Found device: Tesla K80, n_gpu: 1


#Setup

In [None]:
# Mount Google Drive
drive.mount('/gdrive')

Mounted at /gdrive


In [None]:
os.chdir('/gdrive/MyDrive')

In [None]:
%cd "./Final Project/Data"

/gdrive/MyDrive/Final Project/Data


In [None]:
df = pd.read_csv("taylor_swift_combined_with_normalizations.csv", encoding="utf-8")
lyrics = list(df["lyric"])

# to make sure we're not gonna surpass the 512 token limit
max_len = max(map(lambda x: len(x), lyrics))
print(max_len)

87


#Data Exploration
Even though we already did this, we should check on how imbalanced our data is if we just do positive and negative.

In [None]:
num_negative = 0
num_positive = 0

valence_values = df["valence"]

for valence in valence_values:
  if valence < 0.5:
    num_negative += 1
  else:
    num_positive += 1

print("NEGAITVE: ", num_negative)
print("POSITIVE: ", num_positive)

NEGAITVE:  2086
POSITIVE:  1069


# Processing Data
Main tutorial: https://huggingface.co/course/chapter3/1?fw=pt

Processing data tutorial: https://huggingface.co/course/chapter3/2?fw=pt

In [None]:
valence_values = df["valence"]
valences = []
for valence in valence_values:
  if valence < 0.5:
    valences.append(0)
  else:
    valences.append(1)
df["label"] = valences

In [None]:
# Set up tokenizer
from transformers import AutoTokenizer

checkpoint = "bert-base-uncased"
tokenizer = AutoTokenizer.from_pretrained(checkpoint)

Downloading:   0%|          | 0.00/28.0 [00:00<?, ?B/s]

Downloading:   0%|          | 0.00/570 [00:00<?, ?B/s]

Downloading:   0%|          | 0.00/226k [00:00<?, ?B/s]

Downloading:   0%|          | 0.00/455k [00:00<?, ?B/s]

In [None]:
from sklearn.model_selection import train_test_split

train_df, test_df = train_test_split(df,
                          random_state=42, shuffle=True,
                          test_size=.2)

train_df, val_df = train_test_split(train_df,
                          random_state=42, shuffle=True,
                          test_size=.2)

In [None]:
train_text = list(train_df["lyric"])
train_labels = list(train_df["label"])

test_text = list(test_df["lyric"])
test_labels = list(test_df["label"])

val_text = list(val_df["lyric"])
val_labels = list(val_df["label"])

In [None]:
print(len(train_df), len(test_df), len(val_df))

2019 631 505


In [None]:
from torch.utils.data import Dataset, DataLoader

class TaylorSwiftDataset(torch.utils.data.Dataset):
  #def __init__(self, texts, labels, tokenizer):
  def __init__(self, encodings, labels):
    #self.texts = texts
    self.encodings = encodings
    self.labels = labels
    self.tokenizer = tokenizer

  def __getitem__(self, idx):
    item = {key: torch.tensor(val[idx]) for key, val in self.encodings.items()}
    item['labels'] = torch.tensor(self.labels[idx])
    return item

  def __len__(self):
    return len(self.labels)

In [None]:
train_encodings = tokenizer(train_text, truncation=True)#, padding=True)
val_encodings = tokenizer(val_text, truncation=True)#, padding=True)
test_encodings = tokenizer(test_text, truncation=True)#, padding=True)

In [None]:
train_dataset = TaylorSwiftDataset(train_encodings, train_labels)
val_dataset = TaylorSwiftDataset(val_encodings, val_labels)
test_dataset = TaylorSwiftDataset(test_encodings, test_labels)

In [None]:
# Source: https://huggingface.co/transformers/training.html
from datasets import load_metric

metric = load_metric("accuracy")

def compute_metrics(eval_pred):
    logits, labels = eval_pred
    predictions = numpy.argmax(logits, axis=-1)
    return metric.compute(predictions=predictions, references=labels)

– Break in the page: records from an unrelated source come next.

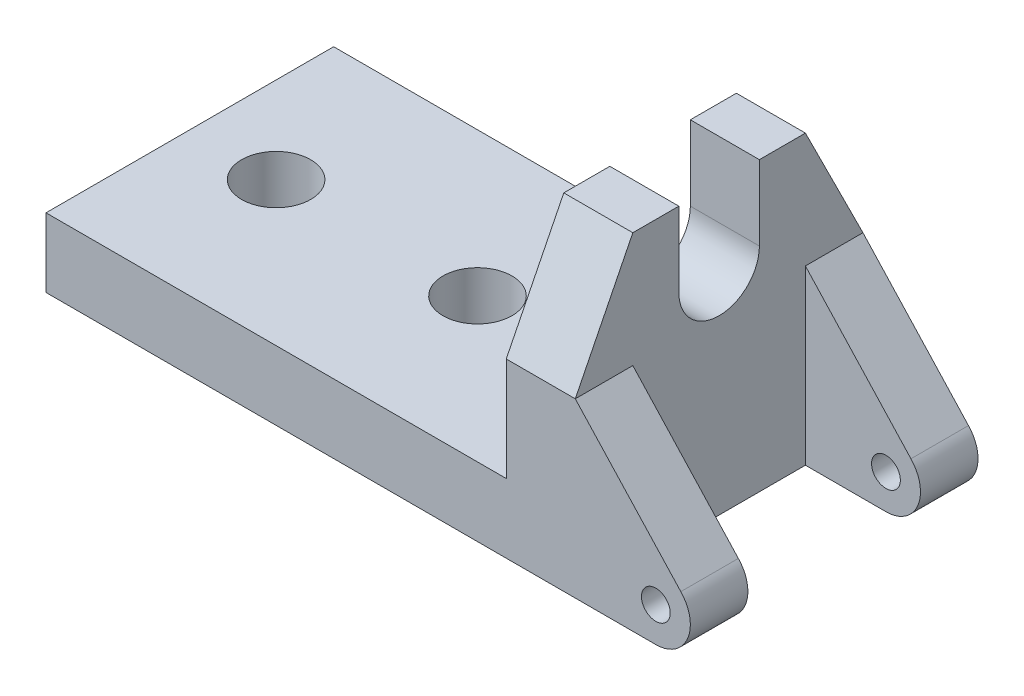
ISO-10303-21;
HEADER;
FILE_DESCRIPTION(('STEP AP214'),'2;1');
FILE_NAME('part.step','',(''),(''),'','','');
FILE_SCHEMA(('AUTOMOTIVE_DESIGN { 1 0 10303 214 1 1 1 1 }'));
ENDSEC;
DATA;
#1=APPLICATION_CONTEXT('core data for automotive mechanical design processes');
#2=APPLICATION_PROTOCOL_DEFINITION('international standard','automotive_design',2000,#1);
#3=PRODUCT_CONTEXT('',#1,'mechanical');
#4=PRODUCT('Part','Part','',(#3));
#5=PRODUCT_RELATED_PRODUCT_CATEGORY('part','',(#4));
#6=PRODUCT_DEFINITION_FORMATION('','',#4);
#7=PRODUCT_DEFINITION_CONTEXT('part definition',#1,'design');
#8=PRODUCT_DEFINITION('design','',#6,#7);
#9=PRODUCT_DEFINITION_SHAPE('','',#8);
#10=(LENGTH_UNIT() NAMED_UNIT(*) SI_UNIT(.MILLI.,.METRE.));
#11=(NAMED_UNIT(*) PLANE_ANGLE_UNIT() SI_UNIT($,.RADIAN.));
#12=(NAMED_UNIT(*) SI_UNIT($,.STERADIAN.) SOLID_ANGLE_UNIT());
#13=UNCERTAINTY_MEASURE_WITH_UNIT(LENGTH_MEASURE(1.E-05),#10,'distance_accuracy_value','');
#14=(GEOMETRIC_REPRESENTATION_CONTEXT(3) GLOBAL_UNCERTAINTY_ASSIGNED_CONTEXT((#13)) GLOBAL_UNIT_ASSIGNED_CONTEXT((#10,
#11,#12)) REPRESENTATION_CONTEXT('',''));
#15=CARTESIAN_POINT('',(0.,0.,0.));
#16=DIRECTION('',(0.,0.,1.));
#17=DIRECTION('',(1.,0.,0.));
#18=AXIS2_PLACEMENT_3D('',#15,#16,#17);
#19=CARTESIAN_POINT('',(0.,0.,25.));
#20=DIRECTION('',(1.,0.,0.));
#21=DIRECTION('',(0.,0.,-1.));
#22=AXIS2_PLACEMENT_3D('',#19,#20,#21);
#23=PLANE('',#22);
#24=DIRECTION('',(0.,-1.,0.));
#25=VECTOR('',#24,1.);
#26=CARTESIAN_POINT('',(0.,0.,0.));
#27=LINE('',#26,#25);
#28=CARTESIAN_POINT('',(0.,6.,0.));
#29=VERTEX_POINT('',#28);
#30=CARTESIAN_POINT('',(0.,0.,0.));
#31=VERTEX_POINT('',#30);
#32=EDGE_CURVE('E292',#29,#31,#27,.T.);
#33=ORIENTED_EDGE('',*,*,#32,.T.);
#34=DIRECTION('',(0.,0.,-1.));
#35=VECTOR('',#34,1.);
#36=CARTESIAN_POINT('',(0.,0.,25.));
#37=LINE('',#36,#35);
#38=CARTESIAN_POINT('',(0.,0.,25.));
#39=VERTEX_POINT('',#38);
#40=EDGE_CURVE('E11',#39,#31,#37,.T.);
#41=ORIENTED_EDGE('',*,*,#40,.F.);
#42=DIRECTION('',(0.,-1.,0.));
#43=VECTOR('',#42,1.);
#44=CARTESIAN_POINT('',(0.,0.,25.));
#45=LINE('',#44,#43);
#46=CARTESIAN_POINT('',(0.,6.,25.));
#47=VERTEX_POINT('',#46);
#48=EDGE_CURVE('E291',#47,#39,#45,.T.);
#49=ORIENTED_EDGE('',*,*,#48,.F.);
#50=DIRECTION('',(0.,0.,-1.));
#51=VECTOR('',#50,1.);
#52=CARTESIAN_POINT('',(0.,6.,25.));
#53=LINE('',#52,#51);
#54=EDGE_CURVE('E301',#47,#29,#53,.T.);
#55=ORIENTED_EDGE('',*,*,#54,.T.);
#56=EDGE_LOOP('',(#33,#41,#49,#55));
#57=FACE_BOUND('',#56,.T.);
#58=ADVANCED_FACE('F50',(#57),#23,.F.);
#59=CARTESIAN_POINT('',(0.,0.,25.));
#60=DIRECTION('',(0.,1.,0.));
#61=DIRECTION('',(0.,0.,1.));
#62=AXIS2_PLACEMENT_3D('',#59,#60,#61);
#63=PLANE('',#62);
#64=CARTESIAN_POINT('',(7.5,0.,12.5));
#65=DIRECTION('',(0.,1.,0.));
#66=DIRECTION('',(0.,0.,1.));
#67=AXIS2_PLACEMENT_3D('',#64,#65,#66);
#68=CIRCLE('',#67,3.);
#69=CARTESIAN_POINT('',(7.5,0.,15.5));
#70=VERTEX_POINT('',#69);
#71=EDGE_CURVE('E678',#70,#70,#68,.T.);
#72=ORIENTED_EDGE('',*,*,#71,.T.);
#73=EDGE_LOOP('',(#72));
#74=FACE_BOUND('',#73,.T.);
#75=CARTESIAN_POINT('',(25.,0.,12.5));
#76=DIRECTION('',(0.,1.,0.));
#77=DIRECTION('',(0.,0.,1.));
#78=AXIS2_PLACEMENT_3D('',#75,#76,#77);
#79=CIRCLE('',#78,3.);
#80=CARTESIAN_POINT('',(25.,0.,15.5));
#81=VERTEX_POINT('',#80);
#82=EDGE_CURVE('E683',#81,#81,#79,.T.);
#83=ORIENTED_EDGE('',*,*,#82,.T.);
#84=EDGE_LOOP('',(#83));
#85=FACE_BOUND('',#84,.T.);
#86=DIRECTION('',(1.,0.,0.));
#87=VECTOR('',#86,1.);
#88=CARTESIAN_POINT('',(0.,0.,0.));
#89=LINE('',#88,#87);
#90=CARTESIAN_POINT('',(53.,0.,0.));
#91=VERTEX_POINT('',#90);
#92=EDGE_CURVE('E302',#31,#91,#89,.T.);
#93=ORIENTED_EDGE('',*,*,#92,.T.);
#94=DIRECTION('',(0.,0.,-1.));
#95=VECTOR('',#94,1.);
#96=CARTESIAN_POINT('',(53.,0.,5.));
#97=LINE('',#96,#95);
#98=CARTESIAN_POINT('',(53.,0.,5.));
#99=VERTEX_POINT('',#98);
#100=EDGE_CURVE('E176',#99,#91,#97,.T.);
#101=ORIENTED_EDGE('',*,*,#100,.F.);
#102=DIRECTION('',(-1.,0.,0.));
#103=VECTOR('',#102,1.);
#104=CARTESIAN_POINT('',(46.,0.,5.));
#105=LINE('',#104,#103);
#106=CARTESIAN_POINT('',(46.,0.,5.));
#107=VERTEX_POINT('',#106);
#108=EDGE_CURVE('E183',#99,#107,#105,.T.);
#109=ORIENTED_EDGE('',*,*,#108,.T.);
#110=DIRECTION('',(0.,0.,1.));
#111=VECTOR('',#110,1.);
#112=CARTESIAN_POINT('',(46.,0.,0.));
#113=LINE('',#112,#111);
#114=CARTESIAN_POINT('',(46.,0.,20.));
#115=VERTEX_POINT('',#114);
#116=EDGE_CURVE('E68',#107,#115,#113,.T.);
#117=ORIENTED_EDGE('',*,*,#116,.T.);
#118=DIRECTION('',(1.,0.,0.));
#119=VECTOR('',#118,1.);
#120=CARTESIAN_POINT('',(46.,0.,20.));
#121=LINE('',#120,#119);
#122=CARTESIAN_POINT('',(53.,0.,20.));
#123=VERTEX_POINT('',#122);
#124=EDGE_CURVE('E210',#115,#123,#121,.T.);
#125=ORIENTED_EDGE('',*,*,#124,.T.);
#126=DIRECTION('',(0.,0.,1.));
#127=VECTOR('',#126,1.);
#128=CARTESIAN_POINT('',(53.,0.,20.));
#129=LINE('',#128,#127);
#130=CARTESIAN_POINT('',(53.,0.,25.));
#131=VERTEX_POINT('',#130);
#132=EDGE_CURVE('E219',#123,#131,#129,.T.);
#133=ORIENTED_EDGE('',*,*,#132,.T.);
#134=DIRECTION('',(1.,0.,0.));
#135=VECTOR('',#134,1.);
#136=CARTESIAN_POINT('',(0.,0.,25.));
#137=LINE('',#136,#135);
#138=EDGE_CURVE('E298',#39,#131,#137,.T.);
#139=ORIENTED_EDGE('',*,*,#138,.F.);
#140=ORIENTED_EDGE('',*,*,#40,.T.);
#141=EDGE_LOOP('',(#93,#101,#109,#117,#125,#133,#139,#140));
#142=FACE_BOUND('',#141,.T.);
#143=ADVANCED_FACE('F370',(#74,#85,#142),#63,.F.);
#144=CARTESIAN_POINT('',(0.,6.,25.));
#145=DIRECTION('',(0.,-1.,0.));
#146=DIRECTION('',(0.,0.,-1.));
#147=AXIS2_PLACEMENT_3D('',#144,#145,#146);
#148=PLANE('',#147);
#149=CARTESIAN_POINT('',(7.5,6.,12.5));
#150=DIRECTION('',(0.,1.,0.));
#151=DIRECTION('',(0.,0.,1.));
#152=AXIS2_PLACEMENT_3D('',#149,#150,#151);
#153=CIRCLE('',#152,3.);
#154=CARTESIAN_POINT('',(7.5,6.,15.5));
#155=VERTEX_POINT('',#154);
#156=EDGE_CURVE('E685',#155,#155,#153,.T.);
#157=ORIENTED_EDGE('',*,*,#156,.F.);
#158=EDGE_LOOP('',(#157));
#159=FACE_BOUND('',#158,.T.);
#160=CARTESIAN_POINT('',(25.,6.,12.5));
#161=DIRECTION('',(0.,1.,0.));
#162=DIRECTION('',(0.,0.,1.));
#163=AXIS2_PLACEMENT_3D('',#160,#161,#162);
#164=CIRCLE('',#163,3.);
#165=CARTESIAN_POINT('',(25.,6.,15.5));
#166=VERTEX_POINT('',#165);
#167=EDGE_CURVE('E676',#166,#166,#164,.T.);
#168=ORIENTED_EDGE('',*,*,#167,.F.);
#169=EDGE_LOOP('',(#168));
#170=FACE_BOUND('',#169,.T.);
#171=DIRECTION('',(-1.,0.,0.));
#172=VECTOR('',#171,1.);
#173=CARTESIAN_POINT('',(0.,6.,0.));
#174=LINE('',#173,#172);
#175=CARTESIAN_POINT('',(40.,6.,0.));
#176=VERTEX_POINT('',#175);
#177=EDGE_CURVE('E300',#176,#29,#174,.T.);
#178=ORIENTED_EDGE('',*,*,#177,.T.);
#179=ORIENTED_EDGE('',*,*,#54,.F.);
#180=DIRECTION('',(-1.,0.,0.));
#181=VECTOR('',#180,1.);
#182=CARTESIAN_POINT('',(0.,6.,25.));
#183=LINE('',#182,#181);
#184=CARTESIAN_POINT('',(40.,6.,25.));
#185=VERTEX_POINT('',#184);
#186=EDGE_CURVE('E299',#185,#47,#183,.T.);
#187=ORIENTED_EDGE('',*,*,#186,.F.);
#188=DIRECTION('',(0.,0.,-1.));
#189=VECTOR('',#188,1.);
#190=CARTESIAN_POINT('',(40.,6.,25.));
#191=LINE('',#190,#189);
#192=EDGE_CURVE('E53',#185,#176,#191,.T.);
#193=ORIENTED_EDGE('',*,*,#192,.T.);
#194=EDGE_LOOP('',(#178,#179,#187,#193));
#195=FACE_BOUND('',#194,.T.);
#196=ADVANCED_FACE('F315',(#159,#170,#195),#148,.F.);
#197=CARTESIAN_POINT('',(0.,0.,25.));
#198=DIRECTION('',(0.,0.,-1.));
#199=DIRECTION('',(-1.,0.,0.));
#200=AXIS2_PLACEMENT_3D('',#197,#198,#199);
#201=PLANE('',#200);
#202=CARTESIAN_POINT('',(53.,3.,25.));
#203=DIRECTION('',(0.,0.,1.));
#204=DIRECTION('',(1.,0.,0.));
#205=AXIS2_PLACEMENT_3D('',#202,#203,#204);
#206=CIRCLE('',#205,1.25);
#207=CARTESIAN_POINT('',(54.25,3.,25.));
#208=VERTEX_POINT('',#207);
#209=EDGE_CURVE('E198',#208,#208,#206,.T.);
#210=ORIENTED_EDGE('',*,*,#209,.F.);
#211=EDGE_LOOP('',(#210));
#212=FACE_BOUND('',#211,.T.);
#213=ORIENTED_EDGE('',*,*,#48,.T.);
#214=ORIENTED_EDGE('',*,*,#138,.T.);
#215=CARTESIAN_POINT('',(53.,3.,25.));
#216=DIRECTION('',(0.,0.,1.));
#217=DIRECTION('',(1.,0.,0.));
#218=AXIS2_PLACEMENT_3D('',#215,#216,#217);
#219=CIRCLE('',#218,3.);
#220=CARTESIAN_POINT('',(55.1710345928346,5.07041271168705,25.));
#221=VERTEX_POINT('',#220);
#222=EDGE_CURVE('E205',#131,#221,#219,.T.);
#223=ORIENTED_EDGE('',*,*,#222,.T.);
#224=DIRECTION('',(-0.678490256572755,0.734609400794624,0.));
#225=VECTOR('',#224,1.);
#226=CARTESIAN_POINT('',(46.,15.,25.));
#227=LINE('',#226,#225);
#228=CARTESIAN_POINT('',(46.,15.,25.));
#229=VERTEX_POINT('',#228);
#230=EDGE_CURVE('E206',#221,#229,#227,.T.);
#231=ORIENTED_EDGE('',*,*,#230,.T.);
#232=DIRECTION('',(-1.,0.,0.));
#233=VECTOR('',#232,1.);
#234=CARTESIAN_POINT('',(46.,15.,25.));
#235=LINE('',#234,#233);
#236=CARTESIAN_POINT('',(40.,15.,25.));
#237=VERTEX_POINT('',#236);
#238=EDGE_CURVE('E281',#229,#237,#235,.T.);
#239=ORIENTED_EDGE('',*,*,#238,.T.);
#240=DIRECTION('',(0.,-1.,0.));
#241=VECTOR('',#240,1.);
#242=CARTESIAN_POINT('',(40.,15.,25.));
#243=LINE('',#242,#241);
#244=EDGE_CURVE('E277',#237,#185,#243,.T.);
#245=ORIENTED_EDGE('',*,*,#244,.T.);
#246=ORIENTED_EDGE('',*,*,#186,.T.);
#247=EDGE_LOOP('',(#213,#214,#223,#231,#239,#245,#246));
#248=FACE_BOUND('',#247,.T.);
#249=ADVANCED_FACE('F321',(#212,#248),#201,.F.);
#250=CARTESIAN_POINT('',(0.,0.,0.));
#251=DIRECTION('',(0.,0.,-1.));
#252=DIRECTION('',(-1.,0.,0.));
#253=AXIS2_PLACEMENT_3D('',#250,#251,#252);
#254=PLANE('',#253);
#255=CARTESIAN_POINT('',(53.,3.,0.));
#256=DIRECTION('',(0.,0.,-1.));
#257=DIRECTION('',(-1.,0.,0.));
#258=AXIS2_PLACEMENT_3D('',#255,#256,#257);
#259=CIRCLE('',#258,1.25);
#260=CARTESIAN_POINT('',(51.75,3.,0.));
#261=VERTEX_POINT('',#260);
#262=EDGE_CURVE('E672',#261,#261,#259,.T.);
#263=ORIENTED_EDGE('',*,*,#262,.F.);
#264=EDGE_LOOP('',(#263));
#265=FACE_BOUND('',#264,.T.);
#266=ORIENTED_EDGE('',*,*,#32,.F.);
#267=ORIENTED_EDGE('',*,*,#177,.F.);
#268=DIRECTION('',(0.,-1.,0.));
#269=VECTOR('',#268,1.);
#270=CARTESIAN_POINT('',(40.,15.,0.));
#271=LINE('',#270,#269);
#272=CARTESIAN_POINT('',(40.,15.,0.));
#273=VERTEX_POINT('',#272);
#274=EDGE_CURVE('E284',#273,#176,#271,.T.);
#275=ORIENTED_EDGE('',*,*,#274,.F.);
#276=DIRECTION('',(-1.,0.,0.));
#277=VECTOR('',#276,1.);
#278=CARTESIAN_POINT('',(46.,15.,0.));
#279=LINE('',#278,#277);
#280=CARTESIAN_POINT('',(46.,15.,0.));
#281=VERTEX_POINT('',#280);
#282=EDGE_CURVE('E285',#281,#273,#279,.T.);
#283=ORIENTED_EDGE('',*,*,#282,.F.);
#284=DIRECTION('',(0.678490256572755,-0.734609400794624,0.));
#285=VECTOR('',#284,1.);
#286=CARTESIAN_POINT('',(46.,15.,0.));
#287=LINE('',#286,#285);
#288=CARTESIAN_POINT('',(55.1710345928346,5.07041271168705,0.));
#289=VERTEX_POINT('',#288);
#290=EDGE_CURVE('E195',#281,#289,#287,.T.);
#291=ORIENTED_EDGE('',*,*,#290,.T.);
#292=CARTESIAN_POINT('',(53.,3.,0.));
#293=DIRECTION('',(0.,0.,-1.));
#294=DIRECTION('',(-1.,0.,0.));
#295=AXIS2_PLACEMENT_3D('',#292,#293,#294);
#296=CIRCLE('',#295,3.);
#297=EDGE_CURVE('E171',#289,#91,#296,.T.);
#298=ORIENTED_EDGE('',*,*,#297,.T.);
#299=ORIENTED_EDGE('',*,*,#92,.F.);
#300=EDGE_LOOP('',(#266,#267,#275,#283,#291,#298,#299));
#301=FACE_BOUND('',#300,.T.);
#302=ADVANCED_FACE('F316',(#265,#301),#254,.T.);
#303=CARTESIAN_POINT('',(40.,15.,0.));
#304=DIRECTION('',(-1.,0.,0.));
#305=DIRECTION('',(0.,0.,1.));
#306=AXIS2_PLACEMENT_3D('',#303,#304,#305);
#307=PLANE('',#306);
#308=ORIENTED_EDGE('',*,*,#192,.F.);
#309=ORIENTED_EDGE('',*,*,#244,.F.);
#310=DIRECTION('',(0.,-0.894427190999916,0.447213595499958));
#311=VECTOR('',#310,1.);
#312=CARTESIAN_POINT('',(40.,13.,26.));
#313=LINE('',#312,#311);
#314=CARTESIAN_POINT('',(40.,25.,20.));
#315=VERTEX_POINT('',#314);
#316=EDGE_CURVE('E266',#315,#237,#313,.T.);
#317=ORIENTED_EDGE('',*,*,#316,.F.);
#318=DIRECTION('',(0.,0.,1.));
#319=VECTOR('',#318,1.);
#320=CARTESIAN_POINT('',(40.,25.,0.));
#321=LINE('',#320,#319);
#322=CARTESIAN_POINT('',(40.,25.,16.));
#323=VERTEX_POINT('',#322);
#324=EDGE_CURVE('E269',#323,#315,#321,.T.);
#325=ORIENTED_EDGE('',*,*,#324,.F.);
#326=DIRECTION('',(0.,1.,0.));
#327=VECTOR('',#326,1.);
#328=CARTESIAN_POINT('',(40.,0.,16.));
#329=LINE('',#328,#327);
#330=CARTESIAN_POINT('',(40.,18.5,16.));
#331=VERTEX_POINT('',#330);
#332=EDGE_CURVE('E259',#331,#323,#329,.T.);
#333=ORIENTED_EDGE('',*,*,#332,.F.);
#334=CARTESIAN_POINT('',(40.,18.5,12.5));
#335=DIRECTION('',(-1.,0.,0.));
#336=DIRECTION('',(0.,0.,1.));
#337=AXIS2_PLACEMENT_3D('',#334,#335,#336);
#338=CIRCLE('',#337,3.5);
#339=CARTESIAN_POINT('',(40.,18.5,9.));
#340=VERTEX_POINT('',#339);
#341=EDGE_CURVE('E245',#340,#331,#338,.T.);
#342=ORIENTED_EDGE('',*,*,#341,.F.);
#343=DIRECTION('',(0.,1.,0.));
#344=VECTOR('',#343,1.);
#345=CARTESIAN_POINT('',(40.,0.,9.));
#346=LINE('',#345,#344);
#347=CARTESIAN_POINT('',(40.,25.,9.));
#348=VERTEX_POINT('',#347);
#349=EDGE_CURVE('E234',#340,#348,#346,.T.);
#350=ORIENTED_EDGE('',*,*,#349,.T.);
#351=DIRECTION('',(0.,0.,-1.));
#352=VECTOR('',#351,1.);
#353=CARTESIAN_POINT('',(40.,25.,0.));
#354=LINE('',#353,#352);
#355=CARTESIAN_POINT('',(40.,25.,5.));
#356=VERTEX_POINT('',#355);
#357=EDGE_CURVE('E243',#348,#356,#354,.T.);
#358=ORIENTED_EDGE('',*,*,#357,.T.);
#359=DIRECTION('',(0.,-0.894427190999916,-0.447213595499958));
#360=VECTOR('',#359,1.);
#361=CARTESIAN_POINT('',(40.,3.,-6.));
#362=LINE('',#361,#360);
#363=EDGE_CURVE('E237',#356,#273,#362,.T.);
#364=ORIENTED_EDGE('',*,*,#363,.T.);
#365=ORIENTED_EDGE('',*,*,#274,.T.);
#366=EDGE_LOOP('',(#308,#309,#317,#325,#333,#342,#350,#358,#364,#365));
#367=FACE_BOUND('',#366,.T.);
#368=ADVANCED_FACE('F329',(#367),#307,.T.);
#369=CARTESIAN_POINT('',(46.,0.,0.));
#370=DIRECTION('',(1.,0.,0.));
#371=DIRECTION('',(0.,0.,-1.));
#372=AXIS2_PLACEMENT_3D('',#369,#370,#371);
#373=PLANE('',#372);
#374=DIRECTION('',(0.,0.,-1.));
#375=VECTOR('',#374,1.);
#376=CARTESIAN_POINT('',(46.,15.,5.));
#377=LINE('',#376,#375);
#378=CARTESIAN_POINT('',(46.,15.,5.));
#379=VERTEX_POINT('',#378);
#380=EDGE_CURVE('E180',#379,#281,#377,.T.);
#381=ORIENTED_EDGE('',*,*,#380,.T.);
#382=DIRECTION('',(0.,-0.894427190999916,-0.447213595499958));
#383=VECTOR('',#382,1.);
#384=CARTESIAN_POINT('',(46.,3.,-6.));
#385=LINE('',#384,#383);
#386=CARTESIAN_POINT('',(46.,25.,5.));
#387=VERTEX_POINT('',#386);
#388=EDGE_CURVE('E233',#387,#281,#385,.T.);
#389=ORIENTED_EDGE('',*,*,#388,.F.);
#390=DIRECTION('',(0.,0.,-1.));
#391=VECTOR('',#390,1.);
#392=CARTESIAN_POINT('',(46.,25.,0.));
#393=LINE('',#392,#391);
#394=CARTESIAN_POINT('',(46.,25.,9.));
#395=VERTEX_POINT('',#394);
#396=EDGE_CURVE('E238',#395,#387,#393,.T.);
#397=ORIENTED_EDGE('',*,*,#396,.F.);
#398=DIRECTION('',(0.,1.,0.));
#399=VECTOR('',#398,1.);
#400=CARTESIAN_POINT('',(46.,0.,9.));
#401=LINE('',#400,#399);
#402=CARTESIAN_POINT('',(46.,18.5,9.));
#403=VERTEX_POINT('',#402);
#404=EDGE_CURVE('E232',#403,#395,#401,.T.);
#405=ORIENTED_EDGE('',*,*,#404,.F.);
#406=CARTESIAN_POINT('',(46.,18.5,12.5));
#407=DIRECTION('',(-1.,0.,0.));
#408=DIRECTION('',(0.,0.,1.));
#409=AXIS2_PLACEMENT_3D('',#406,#407,#408);
#410=CIRCLE('',#409,3.5);
#411=CARTESIAN_POINT('',(46.,18.5,16.));
#412=VERTEX_POINT('',#411);
#413=EDGE_CURVE('E251',#403,#412,#410,.T.);
#414=ORIENTED_EDGE('',*,*,#413,.T.);
#415=DIRECTION('',(0.,1.,0.));
#416=VECTOR('',#415,1.);
#417=CARTESIAN_POINT('',(46.,0.,16.));
#418=LINE('',#417,#416);
#419=CARTESIAN_POINT('',(46.,25.,16.));
#420=VERTEX_POINT('',#419);
#421=EDGE_CURVE('E262',#412,#420,#418,.T.);
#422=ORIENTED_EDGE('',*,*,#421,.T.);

Downloading:   0%|          | 0.00/1.42k [00:00<?, ?B/s]

# Fine-tuning a pretrained model
Fine-tuning tutoral: https://huggingface.co/course/chapter3/3?fw=pt


In [None]:
from transformers import TrainingArguments, AutoModelForSequenceClassification, Trainer


training_args = TrainingArguments("test-trainer")

model = AutoModelForSequenceClassification.from_pretrained(
    checkpoint, num_labels=2)

trainer = Trainer(
    model=model,                         # the model to be trained
    args=training_args,                  # training arguments, defined above
    train_dataset=train_dataset,         # training dataset
    eval_dataset=val_dataset,            # evaluation dataset
    compute_metrics=compute_metrics,     # function to be used in evaluation
    tokenizer=tokenizer,                 # enable dynamic padding
)



Downloading:   0%|          | 0.00/420M [00:00<?, ?B/s]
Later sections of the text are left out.